Xpath transformation not working in java

Question

This is my xml document. I want to sign only the userID part using xml signature. I am using xpath transformation to select that particular element.

Answer 1

This is not a valid xpath expression, there is no way to declare namespace prefixe inside the expression.

samlp:AuthnRequest/UserID xmlns:samlp="urn:oasis:names:tc:SAML:2.0:protocol"

XPathFilterParameterSpec does have another constructor that allows to specify a mapping of namespace prefixes, you could try the following expression:

new XPathFilterParameterSpec("samlp:AuthnRequest/UserID",
    Collections.singletonMap("samlp", "urn:oasis:names:tc:SAML:2.0:protocol"))

Edit:

The message does not seem to be an error, see line 426 here, its log level should probably be lower than INFO though.

I also had a look at the description of xpath filtering:

The XPath expression appearing in the XPath parameter is evaluated once for each node in the input node-set. The result is converted to a boolean. If the boolean is true, then the node is included in the output node-set. If the boolean is false, then the node is omitted from the output node-set.

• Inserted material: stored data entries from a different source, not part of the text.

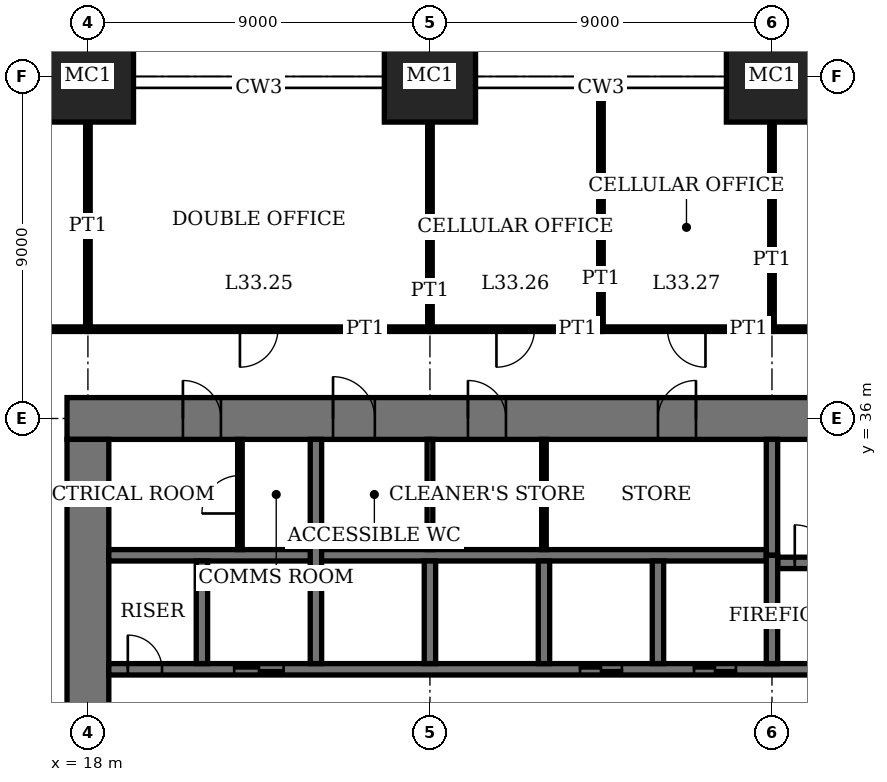
"""IFC4 building model, lengths in metres.
Left out: names, types, materials, properties, quantities, classifications, styles, units other than length and angle.
Written with IfcOpenShell. Run it as: python <this file> out.ifc"""

import sys

from ifc_helpers import new_model, si_unit, direction, frame, frame_2d, origin, origin_2d, place, context, subcontext, project, spatial, rectangle, extrude, element, fill, save


model = new_model("IFC4")
c1 = context("Model", 3, precision=1e-05, world=origin(), true_north=direction((0.0, 1.0)))
c2 = subcontext(c1, "Body", "Model", "MODEL_VIEW")
j1 = project(units=[si_unit("LENGTHUNIT", "METRE"), si_unit("PLANEANGLEUNIT", "RADIAN")], contexts=[c1])
p1 = place(None, origin())
s1 = spatial("IfcSite", under=j1, at=p1, CompositionType="ELEMENT")
p2 = place(p1, origin())
s2 = spatial("IfcBuilding", under=s1, at=p2, CompositionType="ELEMENT")
p3 = place(p2, frame((0.0, 0.0, 137.0)))
s3 = spatial("IfcBuildingStorey", under=s2, at=p3, CompositionType="ELEMENT", Elevation=137.0)
for number, where, z_axis, x_axis in (
    (1, (18.0, 45.0, 0.0), (0.0, 0.0, 1.0), (1.0, 0.0, 0.0)),
    (2, (27.0, 45.0, 0.0), (0.0, 0.0, 1.0), (1.0, 0.0, 0.0)),
    (3, (36.0, 45.0, 0.0), (0.0, 0.0, 1.0), (1.0, 0.0, 0.0)),
):
    element("IfcColumn", number, at=place(p3, frame(where, z_axis=z_axis, x_axis=x_axis)), inside=s3, PredefinedType="COLUMN", context=c2, shape_type="SweptSolid", body=[
        extrude(rectangle(XDim=2.4, YDim=2.4, at=origin_2d()), origin(), (0.0, 0.0, 1.0), 4.0),
    ])
p4 = place(p3, frame((45.55, 36.0, 0.0), z_axis=(0.0, 0.0, 1.0), x_axis=(-1.0, 0.0, 0.0)))
e4 = element("IfcWall", 4, at=p4, inside=s3, PredefinedType="SHEAR", context=c2, shape_type="SweptSolid", body=[
    extrude(rectangle(XDim=28.1, YDim=1.1, at=frame_2d((14.05, 0.0))), origin(), (0.0, 0.0, 1.0), 4.0),
])
p5 = place(p4, frame((11.55, 0.0, 0.0)))
e5 = element("IfcOpeningElement", 5, at=p5, cuts=e4, PredefinedType="OPENING", context=c2, shape_type="SweptSolid", body=[
    extrude(rectangle(XDim=1.0, YDim=2.4, at=frame_2d((0.5, 1.2))), frame((0.0, 0.56, 0.0), z_axis=(0.0, -1.0, 0.0), x_axis=(1.0, 0.0, 0.0)), (0.0, 0.0, 1.0), 1.12),
])
p6 = place(p4, frame((16.55, 0.0, 0.0)))
e6 = element("IfcOpeningElement", 6, at=p6, cuts=e4, PredefinedType="OPENING", context=c2, shape_type="SweptSolid", body=[
    extrude(rectangle(XDim=1.0, YDim=2.4, at=frame_2d((0.5, 1.2))), frame((0.0, 0.56, 0.0), z_axis=(0.0, -1.0, 0.0), x_axis=(1.0, 0.0, 0.0)), (0.0, 0.0, 1.0), 1.12),
])
p7 = place(p4, frame((20.0, 0.0, 0.0)))
e7 = element("IfcOpeningElement", 7, at=p7, cuts=e4, PredefinedType="OPENING", context=c2, shape_type="SweptSolid", body=[
    extrude(rectangle(XDim=1.1, YDim=2.4, at=frame_2d((0.55, 1.2))), frame((0.0, 0.56, 0.0), z_axis=(0.0, -1.0, 0.0), x_axis=(1.0, 0.0, 0.0)), (0.0, 0.0, 1.0), 1.12),
])
p8 = place(p4, frame((24.05, 0.0, 0.0)))
e8 = element("IfcOpeningElement", 8, at=p8, cuts=e4, PredefinedType="OPENING", context=c2, shape_type="SweptSolid", body=[
    extrude(rectangle(XDim=1.0, YDim=2.4, at=frame_2d((0.5, 1.2))), frame((0.0, 0.56, 0.0), z_axis=(0.0, -1.0, 0.0), x_axis=(1.0, 0.0, 0.0)), (0.0, 0.0, 1.0), 1.12),
])
p9 = place(p3, frame((18.0, 35.45, 0.0), z_axis=(0.0, 0.0, 1.0), x_axis=(0.0, -1.0, 0.0)))
e9 = element("IfcWall", 9, at=p9, inside=s3, PredefinedType="SHEAR", context=c2, shape_type="SweptSolid", body=[
    extrude(rectangle(XDim=16.9, YDim=1.1, at=frame_2d((8.45, 0.0))), origin(), (0.0, 0.0, 1.0), 4.0),
])
p10 = place(p9, frame((8.45, 0.0, 0.0)))
e10 = element("IfcOpeningElement", 10, at=p10, cuts=e9, PredefinedType="OPENING", context=c2, shape_type="SweptSolid", body=[
    extrude(rectangle(XDim=1.8, YDim=2.4, at=frame_2d((0.9, 1.2))), frame((0.0, 0.56, 0.0), z_axis=(0.0, -1.0, 0.0), x_axis=(1.0, 0.0, 0.0)), (0.0, 0.0, 1.0), 1.12),
])
p11 = place(p3, frame((36.15, 32.2, 0.0), z_axis=(0.0, 0.0, 1.0), x_axis=(1.0, 0.0, 0.0)))
e11 = element("IfcWall", 11, at=p11, inside=s3, PredefinedType="SHEAR", context=c2, shape_type="SweptSolid", body=[
    extrude(rectangle(XDim=8.3, YDim=0.3, at=frame_2d((4.15, 0.0))), origin(), (0.0, 0.0, 1.0), 4.0),
])
p12 = place(p11, frame((0.45, 0.0, 0.0)))
e12 = element("IfcOpeningElement", 12, at=p12, cuts=e11, PredefinedType="OPENING", context=c2, shape_type="SweptSolid", body=[
    extrude(rectangle(XDim=1.0, YDim=2.4, at=frame_2d((0.5, 1.2))), frame((0.0, 0.16, 0.0), z_axis=(0.0, -1.0, 0.0), x_axis=(1.0, 0.0, 0.0)), (0.0, 0.0, 1.0), 0.32),
])
p13 = place(p3, frame((36.0, 32.4, 0.0), z_axis=(0.0, 0.0, 1.0), x_axis=(0.0, 1.0, 0.0)))
e13 = element("IfcWall", 13, at=p13, inside=s3, PredefinedType="SHEAR", context=c2, shape_type="SweptSolid", body=[
    extrude(rectangle(XDim=3.05, YDim=0.3, at=frame_2d((1.525, 0.0))), origin(), (0.0, 0.0, 1.0), 4.0),
])
p14 = place(p3, frame((18.55, 29.4, 0.0), z_axis=(0.0, 0.0, 1.0), x_axis=(1.0, 0.0, 0.0)))
e14 = element("IfcWall", 14, at=p14, inside=s3, PredefinedType="SHEAR", context=c2, shape_type="SweptSolid", body=[
    extrude(rectangle(XDim=25.9, YDim=0.3, at=frame_2d((12.95, 0.0))), origin(), (0.0, 0.0, 1.0), 4.0),
])
p15 = place(p14, frame((19.95, 0.0, 0.0)))
e15 = element("IfcOpeningElement", 15, at=p15, cuts=e14, PredefinedType="OPENING", context=c2, shape_type="SweptSolid", body=[
    extrude(rectangle(XDim=1.0, YDim=2.4, at=frame_2d((0.5, 1.2))), frame((0.0, 0.16, 0.0), z_axis=(0.0, -1.0, 0.0), x_axis=(1.0, 0.0, 0.0)), (0.0, 0.0, 1.0), 0.32),
])
p16 = place(p14, frame((0.5, 0.0, 0.0)))
e16 = element("IfcOpeningElement", 16, at=p16, cuts=e14, PredefinedType="OPENING", context=c2, shape_type="SweptSolid", body=[
    extrude(rectangle(XDim=0.9, YDim=2.1, at=frame_2d((0.45, 1.05))), frame((0.0, 0.16, 0.0), z_axis=(0.0, -1.0, 0.0), x_axis=(1.0, 0.0, 0.0)), (0.0, 0.0, 1.0), 0.32),
])
p17 = place(p14, frame((15.4, 0.0, 0.0)))
e17 = element("IfcOpeningElement", 17, at=p17, cuts=e14, PredefinedType="OPENING", context=c2, shape_type="SweptSolid", body=[
    extrude(rectangle(XDim=1.1, YDim=2.4, at=frame_2d((0.55, 1.2))), frame((0.0, 0.16, 0.0), z_axis=(0.0, -1.0, 0.0), x_axis=(1.0, 0.0, 0.0)), (0.0, 0.0, 1.0), 0.32),
])
p18 = place(p14, frame((12.4, 0.0, 0.0)))
e18 = element("IfcOpeningElement", 18, at=p18, cuts=e14, PredefinedType="OPENING", context=c2, shape_type="SweptSolid", body=[
    extrude(rectangle(XDim=1.1, YDim=2.4, at=frame_2d((0.55, 1.2))), frame((0.0, 0.16, 0.0), z_axis=(0.0, -1.0, 0.0), x_axis=(1.0, 0.0, 0.0)), (0.0, 0.0, 1.0), 0.32),
])
p19 = place(p14, frame((3.3, 0.0, 0.0)))
e19 = element("IfcOpeningElement", 19, at=p19, cuts=e14, PredefinedType="OPENING", context=c2, shape_type="SweptSolid", body=[
    extrude(rectangle(XDim=1.3, YDim=2.4, at=frame_2d((0.65, 1.2))), frame((0.0, 0.16, 0.0), z_axis=(0.0, -1.0, 0.0), x_axis=(1.0, 0.0, 0.0)), (0.0, 0.0, 1.0), 0.32),
])
p20 = place(p3, frame((18.55, 32.4, 0.0), z_axis=(0.0, 0.0, 1.0), x_axis=(1.0, 0.0, 0.0)))
e20 = element("IfcWall", 20, at=p20, inside=s3, PredefinedType="SHEAR", context=c2, shape_type="SweptSolid", body=[
    extrude(rectangle(XDim=17.3, YDim=0.3, at=frame_2d((8.65, 0.0))), origin(), (0.0, 0.0, 1.0), 4.0),
])
for number, where, z_axis, x_axis in (
    (21, (33.0, 29.55, 0.0), (0.0, 0.0, 1.0), (0.0, 1.0, 0.0)),
    (22, (30.0, 29.55, 0.0), (0.0, 0.0, 1.0), (0.0, 1.0, 0.0)),
    (23, (27.0, 29.55, 0.0), (0.0, 0.0, 1.0), (0.0, 1.0, 0.0)),
):
    element("IfcWall", number, at=place(p3, frame(where, z_axis=z_axis, x_axis=x_axis)), inside=s3, PredefinedType="SHEAR", context=c2, shape_type="SweptSolid", body=[
        extrude(rectangle(XDim=2.7, YDim=0.3, at=frame_2d((1.35, 0.0))), origin(), (0.0, 0.0, 1.0), 4.0),
    ])
p21 = place(p3, frame((24.0, 29.55, 0.0), z_axis=(0.0, 0.0, 1.0), x_axis=(0.0, 1.0, 0.0)))
e24 = element("IfcWall", 24, at=p21, inside=s3, PredefinedType="SHEAR", context=c2, shape_type="SweptSolid", body=[
    extrude(rectangle(XDim=5.9, YDim=0.3, at=frame_2d((2.95, 0.0))), origin(), (0.0, 0.0, 1.0), 4.0),
])
p22 = place(p3, frame((21.0, 29.55, 0.0), z_axis=(0.0, 0.0, 1.0), x_axis=(0.0, 1.0, 0.0)))
e25 = element("IfcWall", 25, at=p22, inside=s3, PredefinedType="SHEAR", context=c2, shape_type="SweptSolid", body=[
    extrude(rectangle(XDim=2.7, YDim=0.3, at=frame_2d((1.35, 0.0))), origin(), (0.0, 0.0, 1.0), 4.0),
])
p23 = place(p3, frame((36.0, 29.55, 0.0), z_axis=(0.0, 0.0, 1.0), x_axis=(0.0, 1.0, 0.0)))
e26 = element("IfcWall", 26, at=p23, inside=s3, PredefinedType="SHEAR", context=c2, shape_type="SweptSolid", body=[
    extrude(rectangle(XDim=2.85, YDim=0.3, at=frame_2d((1.425, 0.0))), origin(), (0.0, 0.0, 1.0), 4.0),
])
p24 = place(p3, frame((9.0, 38.35, 0.0), z_axis=(0.0, 0.0, 1.0), x_axis=(1.0, 0.0, 0.0)))
e27 = element("IfcWall", 27, at=p24, inside=s3, PredefinedType="PARTITIONING", context=c2, shape_type="SweptSolid", body=[
    extrude(rectangle(XDim=9.0, YDim=0.12, at=frame_2d((4.5, 0.0))), origin(), (0.0, 0.0, 1.0), 3.75),
])
p25 = place(p24, frame((4.0, 0.0, 0.0)))
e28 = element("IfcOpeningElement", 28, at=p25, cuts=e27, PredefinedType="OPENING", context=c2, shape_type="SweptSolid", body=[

So the correct xpath expression to only include the UserID in the signature would be self::UserID. But don't ask me if this actually makes sense for a xml signature. The example in the specification seems to use a xpath expression to include everything except the signature element itself:

not(ancestor-or-self::dsig:Signature)

Edit 2:

The correct expression is actually ancestor-or-self::UserID since the filter also has to include the text child nodes of the UserID node.